# big basements/empty ground floors



## caju (May 11, 2015)

Hi all.

I'm at the beginning of looking at properties in central Portugal, and noticed that so many seem to have these big empty storage spaces on the ground floor or basement. Is this a thing there? Is there any reason why more people don't convert it into living space (or any reason why I couldn't do so myself?)


----------



## Strontium (Sep 16, 2015)

Your house will need to have been granted a habitation license so you may inhabit it, this will also dictate how many square meters of habitation your house has.
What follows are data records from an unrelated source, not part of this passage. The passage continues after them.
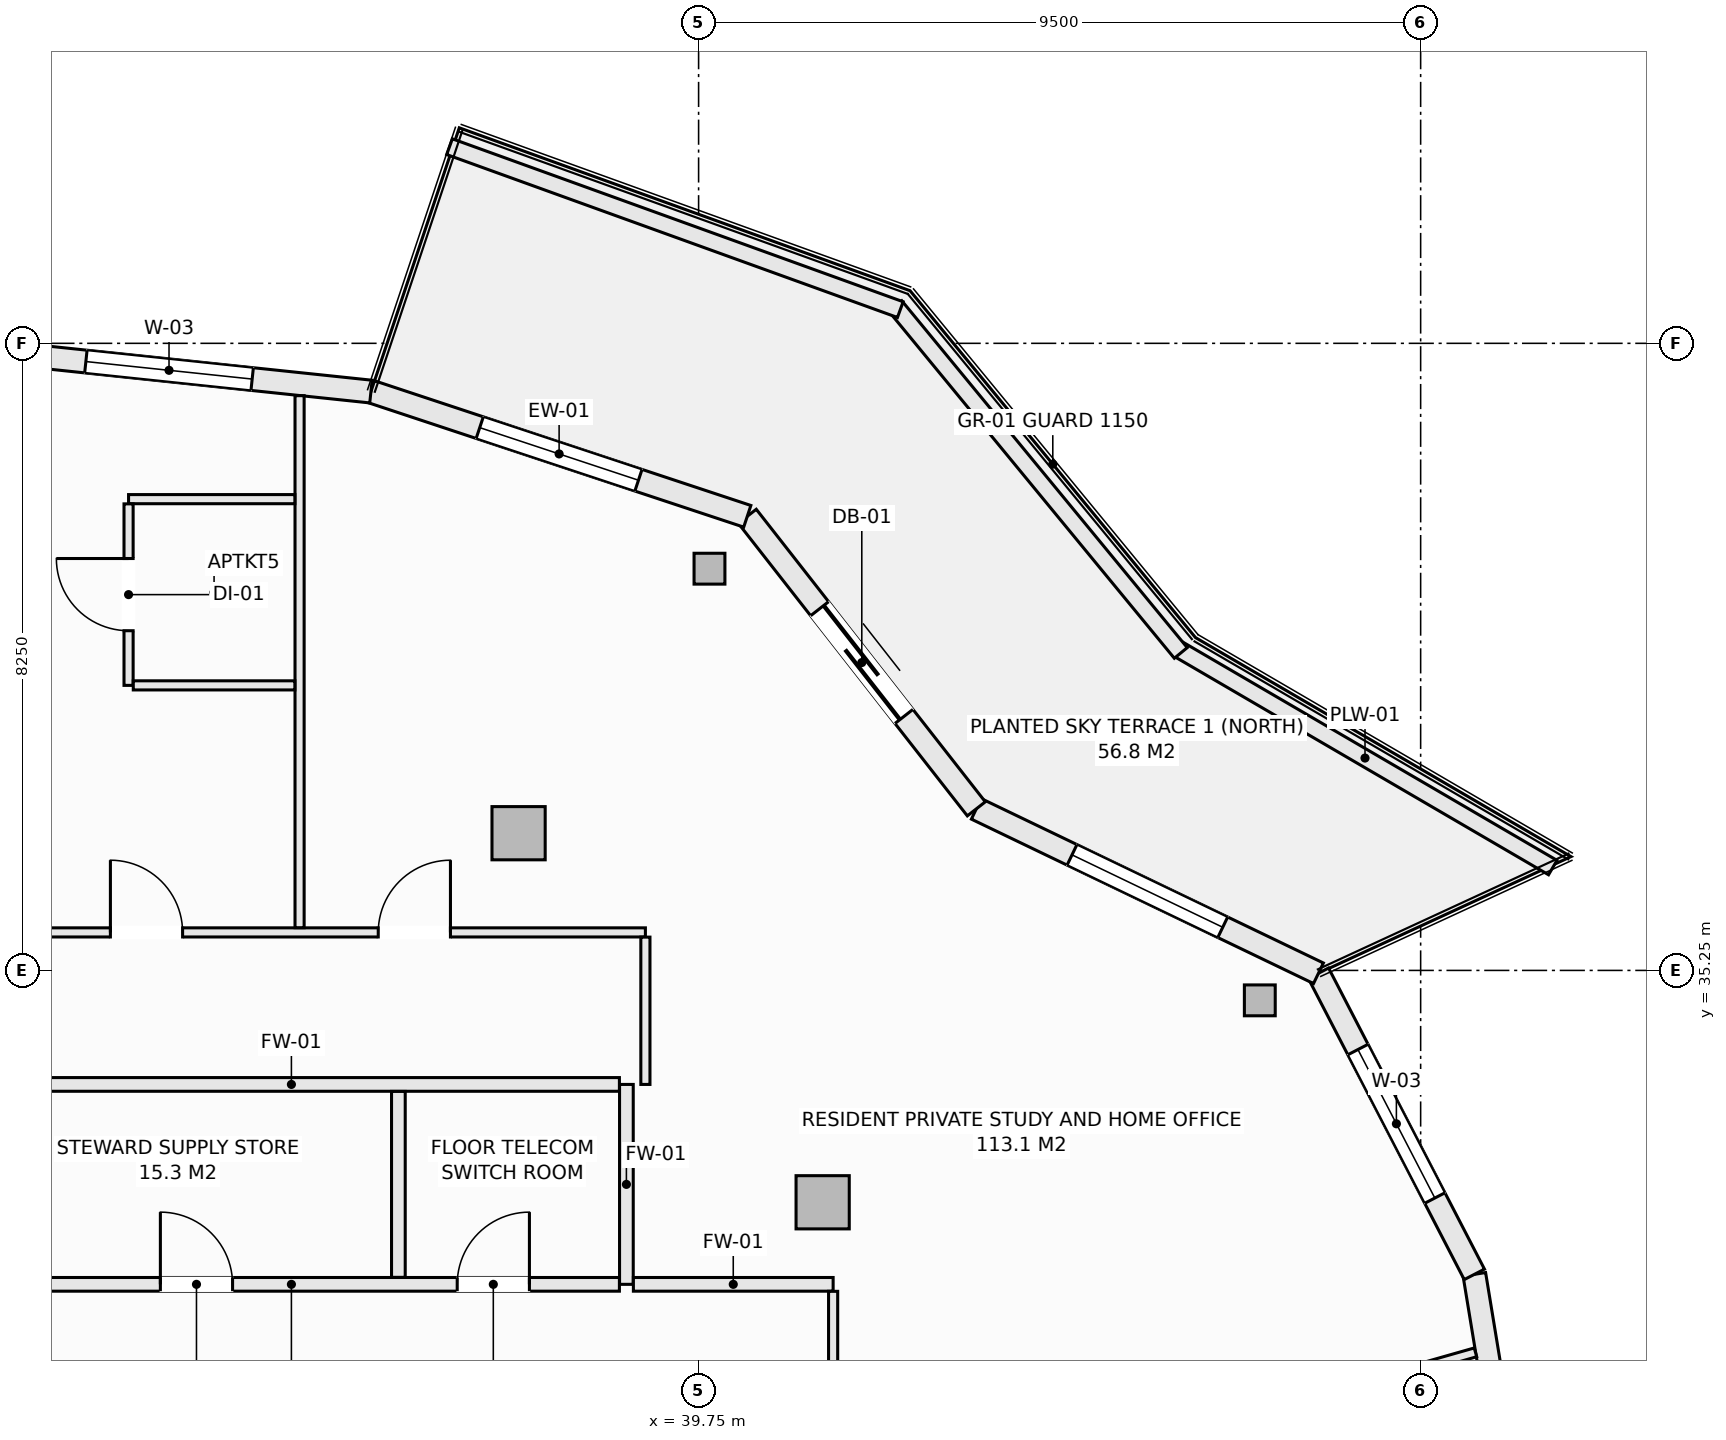
"""IFC4 building model, lengths in metres.
Left out: names, types, materials, properties, quantities, classifications, styles, units other than length and angle.
Written with IfcOpenShell. Run it as: python <this file> out.ifc"""

import sys

from ifc_helpers import new_model, si_unit, direction, frame, frame_2d, origin, origin_2d, place, context, subcontext, project, spatial, rectangle, hollow_rectangle, extrude, element, fill, save


model = new_model("IFC4")
c1 = context("Model", 3, precision=1e-05, world=origin(), true_north=direction((0.0, 1.0)))
c2 = subcontext(c1, "Body", "Model", "MODEL_VIEW")
j1 = project(units=[si_unit("LENGTHUNIT", "METRE"), si_unit("PLANEANGLEUNIT", "RADIAN")], contexts=[c1])
p1 = place(None, origin())
s1 = spatial("IfcSite", under=j1, at=p1, CompositionType="ELEMENT")
p2 = place(p1, origin())
s2 = spatial("IfcBuilding", under=s1, at=p2, CompositionType="ELEMENT")
p3 = place(p2, frame((0.0, 0.0, 265.7)))
s3 = spatial("IfcBuildingStorey", under=s2, at=p3, CompositionType="ELEMENT", Elevation=265.7)
for number, where, z_axis, x_axis in (
    (1, (47.134, 34.856, -0.27), (0.0, 0.0, 1.0), (1.0, 0.0, 0.0)),
    (2, (39.893, 40.535, -0.27), (0.0, 0.0, 1.0), (1.0, 0.0, 0.0)),
):
    element("IfcColumn", number, at=place(p3, frame(where, z_axis=z_axis, x_axis=x_axis)), inside=s3, PredefinedType="COLUMN", context=c2, shape_type="SweptSolid", body=[
        extrude(hollow_rectangle(XDim=0.406, YDim=0.406, WallThickness=0.016, at=origin_2d()), origin(), (0.0, 0.0, 1.0), 3.3),
    ])
for number, where, z_axis, x_axis in (
    (3, (41.382, 32.199, -0.27), (0.0, 0.0, 1.0), (1.0, 0.0, 0.0)),
    (4, (37.382, 37.055, -0.27), (0.0, 0.0, 1.0), (1.0, 0.0, 0.0)),
):
    element("IfcColumn", number, at=place(p3, frame(where, z_axis=z_axis, x_axis=x_axis)), inside=s3, PredefinedType="COLUMN", context=c2, shape_type="SweptSolid", body=[
        extrude(rectangle(XDim=0.7, YDim=0.7, at=origin_2d()), origin(), (0.0, 0.0, 1.0), 3.3),
    ])
p4 = place(p3, frame((49.957, 31.251, 0.0), z_axis=(0.0, 0.0, 1.0), x_axis=(0.162404622434, -0.98672424649, 0.0)))
e5 = element("IfcWall", 5, at=p4, inside=s3, PredefinedType="SOLIDWALL", context=c2, shape_type="SweptSolid", body=[
    extrude(rectangle(XDim=4.308, YDim=0.3, at=frame_2d((2.154, 0.0))), origin(), (0.0, 0.0, 1.0), 2.605),
])
p5 = place(p4, frame((1.554, 0.0, 0.72)))
e6 = element("IfcOpeningElement", 6, at=p5, cuts=e5, PredefinedType="OPENING", context=c2, shape_type="SweptSolid", body=[
    extrude(rectangle(XDim=1.2, YDim=1.65, at=frame_2d((0.6, 0.825))), frame((0.0, 0.16, 0.0), z_axis=(0.0, -1.0, 0.0), x_axis=(1.0, 0.0, 0.0)), (0.0, 0.0, 1.0), 0.32),
])
p6 = place(p3, frame((47.906, 35.212, 0.0), z_axis=(0.0, 0.0, 1.0), x_axis=(0.459801070243, -0.888021945564, 0.0)))
e7 = element("IfcWall", 7, at=p6, inside=s3, PredefinedType="SOLIDWALL", context=c2, shape_type="SweptSolid", body=[
    extrude(rectangle(XDim=4.461, YDim=0.3, at=frame_2d((2.23, 0.0))), origin(), (0.0, 0.0, 1.0), 2.605),
])
p7 = place(p6, frame((1.13, 0.0, 0.72)))
e8 = element("IfcOpeningElement", 8, at=p7, cuts=e7, PredefinedType="OPENING", context=c2, shape_type="SweptSolid", body=[
    extrude(rectangle(XDim=2.2, YDim=1.65, at=frame_2d((1.1, 0.825))), frame((0.0, 0.16, 0.0), z_axis=(0.0, -1.0, 0.0), x_axis=(1.0, 0.0, 0.0)), (0.0, 0.0, 1.0), 0.32),
])
p8 = place(p3, frame((43.404, 37.375, 0.0), z_axis=(0.0, 0.0, 1.0), x_axis=(0.901346013132, -0.433099716706, 0.0)))
e9 = element("IfcWall", 9, at=p8, inside=s3, PredefinedType="SOLIDWALL", context=c2, shape_type="SweptSolid", body=[
    extrude(rectangle(XDim=4.994, YDim=0.3, at=frame_2d((2.497, 0.0))), origin(), (0.0, 0.0, 1.0), 2.605),
])
p9 = place(p8, frame((1.397, 0.0, 0.72)))
e10 = element("IfcOpeningElement", 10, at=p9, cuts=e9, PredefinedType="OPENING", context=c2, shape_type="SweptSolid", body=[
    extrude(rectangle(XDim=2.2, YDim=1.65, at=frame_2d((1.1, 0.825))), frame((0.0, 0.16, 0.0), z_axis=(0.0, -1.0, 0.0), x_axis=(1.0, 0.0, 0.0)), (0.0, 0.0, 1.0), 0.32),
])
p10 = place(p3, frame((40.391, 41.225, 0.0), z_axis=(0.0, 0.0, 1.0), x_axis=(0.616413297421, -0.78742278781, 0.0)))
e11 = element("IfcWall", 11, at=p10, inside=s3, PredefinedType="SOLIDWALL", context=c2, shape_type="SweptSolid", body=[
    extrude(rectangle(XDim=4.888, YDim=0.3, at=frame_2d((2.444, 0.0))), origin(), (0.0, 0.0, 1.0), 2.605),
])
p11 = place(p10, frame((1.544, 0.0, 0.0)))
e12 = element("IfcOpeningElement", 12, at=p11, cuts=e11, PredefinedType="OPENING", context=c2, shape_type="SweptSolid", body=[
    extrude(rectangle(XDim=1.8, YDim=2.25, at=frame_2d((0.9, 1.125))), frame((0.0, 0.16, 0.0), z_axis=(0.0, -1.0, 0.0), x_axis=(1.0, 0.0, 0.0)), (0.0, 0.0, 1.0), 0.32),
])
p12 = place(p3, frame((35.439, 42.865, 0.0), z_axis=(0.0, 0.0, 1.0), x_axis=(0.949252744709, -0.314514271001, 0.0)))
e13 = element("IfcWall", 13, at=p12, inside=s3, PredefinedType="SOLIDWALL", context=c2, shape_type="SweptSolid", body=[
    extrude(rectangle(XDim=5.216, YDim=0.3, at=frame_2d((2.608, 0.0))), origin(), (0.0, 0.0, 1.0), 2.605),
])
p13 = place(p12, frame((1.508, 0.0, 0.72)))
e14 = element("IfcOpeningElement", 14, at=p13, cuts=e13, PredefinedType="OPENING", context=c2, shape_type="SweptSolid", body=[
    extrude(rectangle(XDim=2.2, YDim=1.65, at=frame_2d((1.1, 0.825))), frame((0.0, 0.16, 0.0), z_axis=(0.0, -1.0, 0.0), x_axis=(1.0, 0.0, 0.0)), (0.0, 0.0, 1.0), 0.32),
])
p14 = place(p3, frame((30.125, 43.425, 0.0), z_axis=(0.0, 0.0, 1.0), x_axis=(0.9944966869, -0.104768028258, 0.0)))
e15 = element("IfcWall", 15, at=p14, inside=s3, PredefinedType="SOLIDWALL", context=c2, shape_type="SweptSolid", body=[
    extrude(rectangle(XDim=5.343, YDim=0.3, at=frame_2d((2.672, 0.0))), origin(), (0.0, 0.0, 1.0), 2.605),
])
p15 = place(p14, frame((1.572, 0.0, 0.72)))
e16 = element("IfcOpeningElement", 16, at=p15, cuts=e15, PredefinedType="OPENING", context=c2, shape_type="SweptSolid", body=[
    extrude(rectangle(XDim=2.2, YDim=1.65, at=frame_2d((1.1, 0.825))), frame((0.0, 0.16, 0.0), z_axis=(0.0, -1.0, 0.0), x_axis=(1.0, 0.0, 0.0)), (0.0, 0.0, 1.0), 0.32),
])
p16 = place(p3, frame((46.048, 39.485, 0.0), z_axis=(0.0, 0.0, 1.0), x_axis=(0.863803671285, -0.503828559606, 0.0)))
e17 = element("IfcWall", 17, at=p16, inside=s3, PredefinedType="PARAPET", context=c2, shape_type="SweptSolid", body=[
    extrude(rectangle(XDim=5.719, YDim=0.22, at=frame_2d((2.86, 0.0))), origin(), (0.0, 0.0, 1.0), 0.52),
])
p17 = place(p3, frame((42.339, 43.99, 0.0), z_axis=(0.0, 0.0, 1.0), x_axis=(0.635450933862, -0.772141250455, 0.0)))
e18 = element("IfcWall", 18, at=p17, inside=s3, PredefinedType="PARAPET", context=c2, shape_type="SweptSolid", body=[
    extrude(rectangle(XDim=5.91, YDim=0.22, at=frame_2d((2.955, 0.0))), origin(), (0.0, 0.0, 1.0), 0.52),
])
p18 = place(p3, frame((36.473, 46.087, 0.0), z_axis=(0.0, 0.0, 1.0), x_axis=(0.940465240036, -0.339889882585, 0.0)))
e19 = element("IfcWall", 19, at=p18, inside=s3, PredefinedType="PARAPET", context=c2, shape_type="SweptSolid", body=[
    extrude(rectangle(XDim=6.307, YDim=0.22, at=frame_2d((3.153, 0.0))), origin(), (0.0, 0.0, 1.0), 0.52),
])
p19 = place(p3, frame((38.8, 31.12, 0.0), z_axis=(0.0, 0.0, 1.0), x_axis=(0.0, 1.0, 0.0)))
e20 = element("IfcWall", 20, at=p19, inside=s3, PredefinedType="SOLIDWALL", context=c2, shape_type="SweptSolid", body=[
    extrude(rectangle(XDim=2.63, YDim=0.18, at=frame_2d((1.315, 0.0))), origin(), (0.0, 0.0, 1.0), 3.03),
])
p20 = place(p3, frame((30.077, 31.12, 0.0), z_axis=(0.0, 0.0, 1.0), x_axis=(1.0, 0.0, 0.0)))
e21 = element("IfcWall", 21, at=p20, inside=s3, PredefinedType="SOLIDWALL", context=c2, shape_type="SweptSolid", body=[
    extrude(rectangle(XDim=8.631, YDim=0.18, at=frame_2d((4.315, 0.0))), origin(), (0.0, 0.0, 1.0), 3.03),
])
p21 = place(p20, frame((2.592, 0.0, 0.0)))
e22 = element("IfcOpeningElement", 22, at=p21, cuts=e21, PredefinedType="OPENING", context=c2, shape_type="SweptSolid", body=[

In traditional build the lower floor is storage/animal stalls, wine cellar, winter food storage so often without windows, traditional build is stones "balanced" on stones and is wider at the base and thinner at the eves, if you want to remove supporting stones from the ground floor to give window you will need to - somehow - structurally support all the stonework + roof above. The game called Jenga will show you the result if you are not extremely careful, the skill of this work has/is being lost as modern houses do not use this construction method.


----------



## robc (Jul 17, 2008)

caju said:


> Hi all.
> 
> I'm at the beginning of looking at properties in central Portugal, and noticed that so many seem to have these big empty storage spaces on the ground floor or basement. Is this a thing there? Is there any reason why more people don't convert it into living space (or any reason why I couldn't do so myself?)


There are a number of potential reasons for this. as strontrium says plus below.
It may be that they have not declared this area as habitable space and therefore no Property tax is paid.
The local authority may not have granted any planning approval for habitation but it is used anyway.
It may be storage or used occasionally for Festas.
Best thing is to ask the questions before progressing too far.

Rob


----------



## caju (May 11, 2015)

Thanks for the replies. Using an entire floor for storage just seems like such a waste of space. Even without windows I'd rather convert it to a guest suite or a big games/tv room, or something like that.

The thing about habitable area makes sense, I guess I'll have to look into how difficult it is to alter that with the local authorities.


----------



## baldilocks (Mar 7, 2010)

If the property is on the street, it may have been intended as a possible shop. 

As far as storage is concerned, many Portuguese properties, like those over the border in Spain used to have horreos - outside stores above ground where foodstuffs were stored. These were usually above ground supported on stone/concrete mushrooms to prevent rats and other vermin climbing up and eating the stored food stuffs.

Qué es un hórreo


----------



## Strontium (Sep 16, 2015)

Traditional ground floor tends to have earthen floors and the whole house is build with no insulation, ie solid walls, wooden supported first floor, (wood not sealed so moisture can absorb and evaporate), closed T+G ceilings and non-sealed gabled roof. The doors don't seal, the walls need on-going maintenance of lime based filler or they will collapse - the whole structure can breathe so cold damp walls, floors, woodwork can loose their moisture, *if you not very careful and you seal* the ground floor windowless rooms then moisture cannot evaporate/disperse, the moisture and the black mold of winter which adorns damp places will take hold of walls, soft furnishings and clothes. Any wood within this sealed area will absorb and remain damp and above 11% moisture wood worm will thrive and wet rot will flourish. Once you have wood worm in the supporting timbers of the floor then they're no longer supporting timbers. In your property search in Central Portugal go have a look at a few traditionally built stone houses which are classed as " projects" but beware of standing on any of the wood.


----------



## Maggy Dampier (Jun 12, 2018)

We know two couples who had the bright idea of digging down to create more height in their lower storage rooms. Both had severe water ingress due to lack of tanking and one even has to run a pump constantly to prevent their living room being flooded. Beware.


----------